Kick off the day at our BookTok Con with quizzes, games, photobooth opportunities, and mingle with major publishers who will distribute exclusive merchandise, highly coveted advance reading copies, and other fun and memorable items.

Then immerse yourself in great discussion with bestselling authors who are defining the BookTok game at our That Thing Called Love panel featuring Tessa Bailey, Melissa Blair, Ana Huang, Kennedy Ryan, and moderated by Ryan La Sala and our Living in a Fantasy World panel featuring Olivie Blake, TJ Klune, R.F. Kuang, Hannah Whitten, and moderated by Tracy Deonn.

Barnes & Noble

Since 2020, publishing and booksellers have mostly praised what BookTok has done for books. The reading community (including BookTok) has resulted in reprinting/shortages, book adaption announcements referencing the popularity of the novel on TikTok, and more. The slight dip in book sales as the U.S. started to open up again after COVID-19 lockdowns probably would’ve been a lot worse if not for TikTok and the challenges/trends created by people on BookTok. There’s a whole trend of “BookTok made me buy it” and counter-trends to break the hegemony of the algorithm, like “books I’ve never seen mentioned on this app.” The algorithm hand a had, but these creators and readers made the community possible, and are not happy about being left out.

BookTokkers speak out

The criticism spanned far and wide, from smaller creators to people on the app who make book-related content for a living. (Sadly, TikTok pays pennies per 1,000 views.) Even the person who is credited with coining the word “BookTok” in 2020, Cait Jacobs a.k.a. @caitsbooks, chimed in to say that not crediting her for helping form the community was bad enough but that “what really bothers [her] is when they don’t include any creators at all.”
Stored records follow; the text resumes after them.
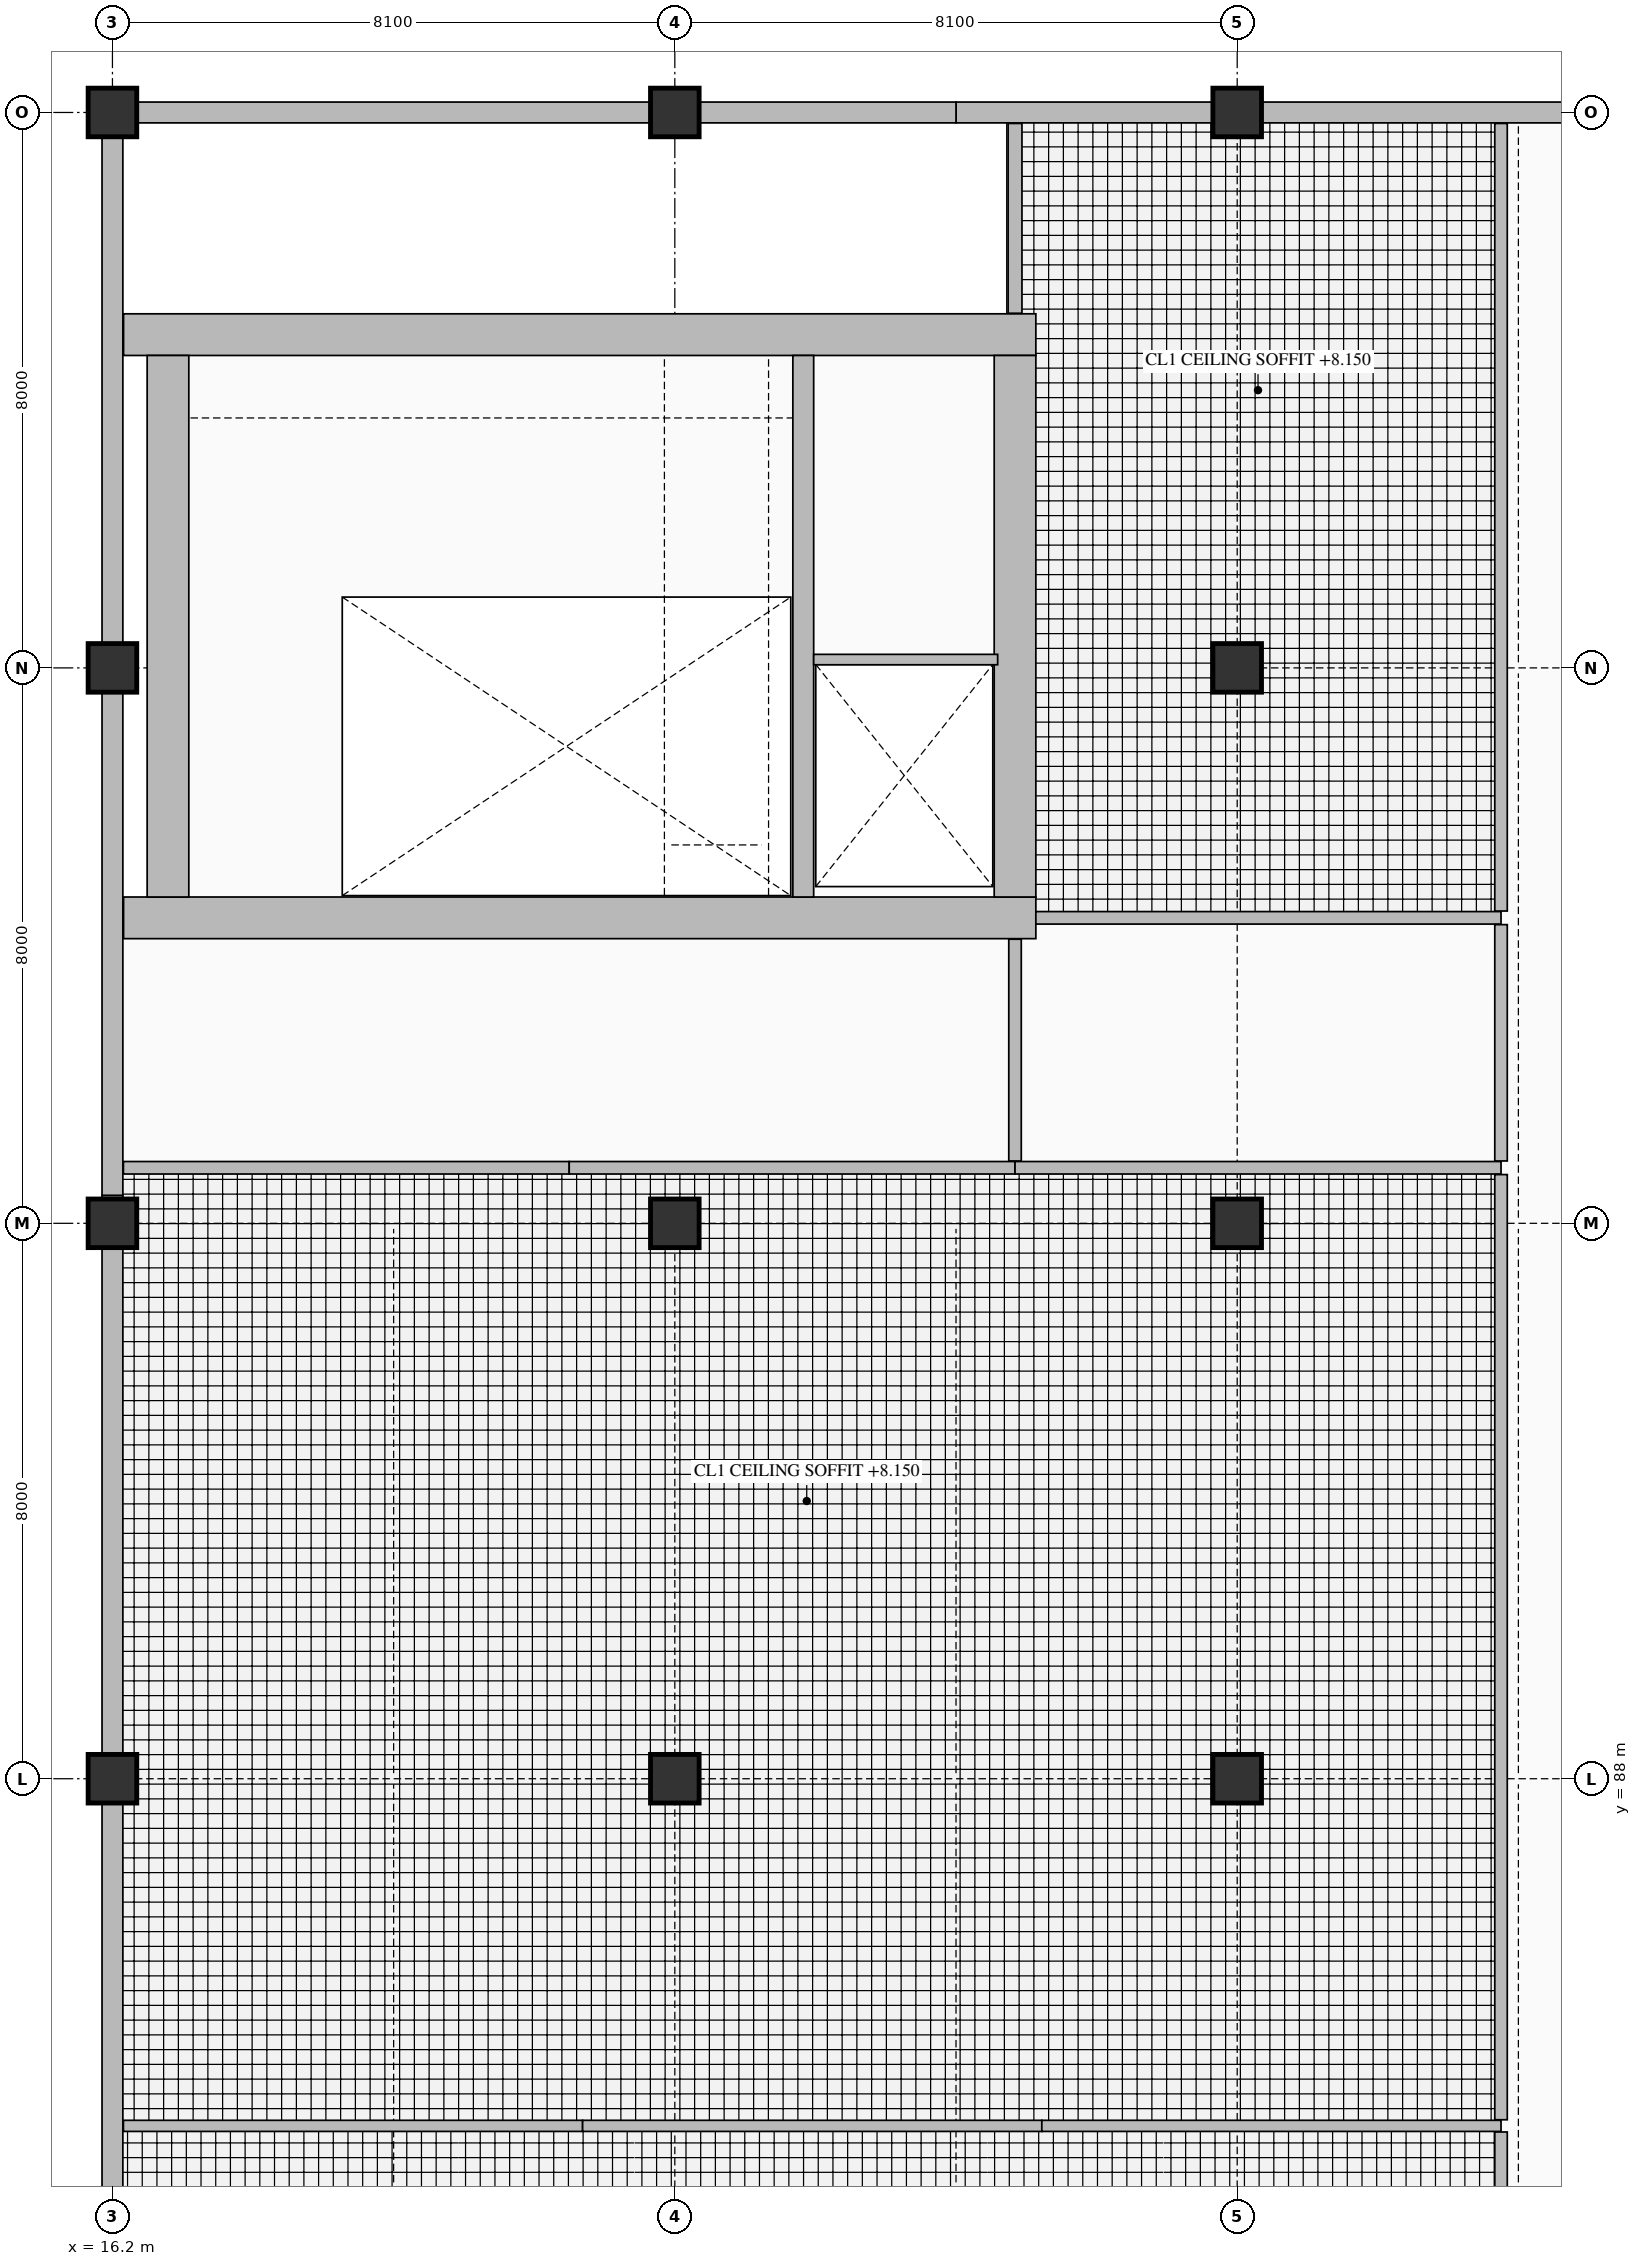
"""IFC4 building model, lengths in metres.
Left out: names, types, materials, properties, quantities, classifications, styles, units other than length and angle.
Written with IfcOpenShell. Run it as: python <this file> out.ifc"""

import sys

from ifc_helpers import new_model, si_unit, direction, frame, frame_2d, origin, origin_2d, place, context, subcontext, project, spatial, rectangle, extrude, element, fill, save


model = new_model("IFC4")
c1 = context("Model", 3, precision=1e-05, world=origin(), true_north=direction((0.0, 1.0)))
c2 = subcontext(c1, "Body", "Model", "MODEL_VIEW")
j1 = project(units=[si_unit("LENGTHUNIT", "METRE"), si_unit("PLANEANGLEUNIT", "RADIAN")], contexts=[c1])
p1 = place(None, origin())
s1 = spatial("IfcSite", under=j1, at=p1, CompositionType="ELEMENT")
p2 = place(p1, origin())
s2 = spatial("IfcBuilding", under=s1, at=p2, CompositionType="ELEMENT")
p3 = place(p2, frame((0.0, 0.0, 5.4)))
s3 = spatial("IfcBuildingStorey", under=s2, at=p3, CompositionType="ELEMENT", Elevation=5.4)
p4 = place(p3, frame((16.36, 100.4, 0.0), z_axis=(0.0, 0.0, 1.0), x_axis=(1.0, 0.0, 0.0)))
e1 = element("IfcWall", 1, at=p4, inside=s3, PredefinedType="SHEAR", context=c2, shape_type="SweptSolid", body=[
    extrude(rectangle(XDim=13.14, YDim=0.6, at=frame_2d((6.57, 0.0))), origin(), (0.0, 0.0, 1.0), 4.8),
])
p5 = place(p4, frame((1.39, 0.0, 0.0)))
e2 = element("IfcOpeningElement", 2, at=p5, cuts=e1, PredefinedType="OPENING", context=c2, shape_type="SweptSolid", body=[
    extrude(rectangle(XDim=1.15, YDim=2.25, at=frame_2d((0.575, 1.125))), frame((0.0, 0.31, 0.0), z_axis=(0.0, -1.0, 0.0), x_axis=(1.0, 0.0, 0.0)), (0.0, 0.0, 1.0), 0.62),
])
p6 = place(p4, frame((10.695, 0.0, 0.0)))
e3 = element("IfcOpeningElement", 3, at=p6, cuts=e1, PredefinedType="OPENING", context=c2, shape_type="SweptSolid", body=[
    extrude(rectangle(XDim=1.1, YDim=2.2, at=frame_2d((0.55, 1.1))), frame((0.0, 0.31, 0.0), z_axis=(0.0, -1.0, 0.0), x_axis=(1.0, 0.0, 0.0)), (0.0, 0.0, 1.0), 0.62),
])
p7 = place(p3, frame((16.36, 108.8, 0.0), z_axis=(0.0, 0.0, 1.0), x_axis=(1.0, 0.0, 0.0)))
e4 = element("IfcWall", 4, at=p7, inside=s3, PredefinedType="SHEAR", context=c2, shape_type="SweptSolid", body=[
    extrude(rectangle(XDim=13.14, YDim=0.6, at=frame_2d((6.57, 0.0))), origin(), (0.0, 0.0, 1.0), 4.8),
])
for number, where, z_axis, x_axis in (
    (5, (17.0, 100.7, 0.0), (0.0, 0.0, 1.0), (0.0, 1.0, 0.0)),
    (6, (29.2, 100.7, 0.0), (0.0, 0.0, 1.0), (0.0, 1.0, 0.0)),
):
    element("IfcWall", number, at=place(p3, frame(where, z_axis=z_axis, x_axis=x_axis)), inside=s3, PredefinedType="SHEAR", context=c2, shape_type="SweptSolid", body=[
        extrude(rectangle(XDim=7.8, YDim=0.6, at=frame_2d((3.9, 0.0))), origin(), (0.0, 0.0, 1.0), 4.8),
    ])
p8 = place(p3, frame((26.15, 100.7, 0.0), z_axis=(0.0, 0.0, 1.0), x_axis=(0.0, 1.0, 0.0)))
e7 = element("IfcWall", 7, at=p8, inside=s3, PredefinedType="SHEAR", context=c2, shape_type="SweptSolid", body=[
    extrude(rectangle(XDim=7.8, YDim=0.3, at=frame_2d((3.9, 0.0))), origin(), (0.0, 0.0, 1.0), 4.8),
])
for number, where, z_axis, x_axis in (
    (8, (16.2, 88.0, 0.0), (0.0, 0.0, 1.0), (1.0, 0.0, 0.0)),
    (9, (16.2, 96.0, 0.0), (0.0, 0.0, 1.0), (1.0, 0.0, 0.0)),
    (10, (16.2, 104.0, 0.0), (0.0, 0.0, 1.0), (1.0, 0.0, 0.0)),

@kevintnorman I was so excited when I heard that Barnes & Noble was hosting a BookTok event. However, after looking at all the details I was shocked to see that none of our communities wonderful creators are featured or a part of it. We as readers and creators built BookTok, and it hurts to watch a company I love take our name, profit from it, and exclude the hardworking creators who helped build this community. #books #booktok #barnesandnoble #bookshopping #booknews #bookishnews ♬ original sound – KTN
@tomesandtextiles Replying to @booksdogsandcoffee I literally have nothing to add except @Barnes & Noble will not get one more mention on this page until they do right by us . Check out these 2 videos: @booksdogsandcoffee @kevintnorman . #booktokpsa #booktok #booktokker #booktokisntstupid #barnesandnoble #booktokfestival ♬ original sound – TomesAndTextiles | Booktokker

No matter who they invited, I’m sure there would have been an issue. My money’s on a disparity in representation on the community side, if not also the author side, and probably uplifting someone who’s embroiled in controversy (deserved or underserved). However, what I didn’t expect was for BN to just ignore everyone altogether. On TikTok, BookTok was the biggest community in the world in 2021 (third in the U.S.) and continued to grow in 2022, becoming the biggest U.S. community. There are lots of people in the community, and a handful who have a lot of influence that directly impacts what others read and, therefore, sales for BN.

Publishers (like other entertainment industries) are pushing authors to be and engage on the platform (like Twitter before this) as a way of cutting labor costs in the marketing department, and BN corporate looks like it’s sort of doing the same with BookTok. Individual stores make the accounts and run them, but some employees (standard associates) stated they don’t get a raise for now being a videographer/editor/creative director for the store. While some don’t have a problem and see this as doing skill-building creative labor on the job, BN is relying on underpaid employees and unpaid people on BookTok to make these videos.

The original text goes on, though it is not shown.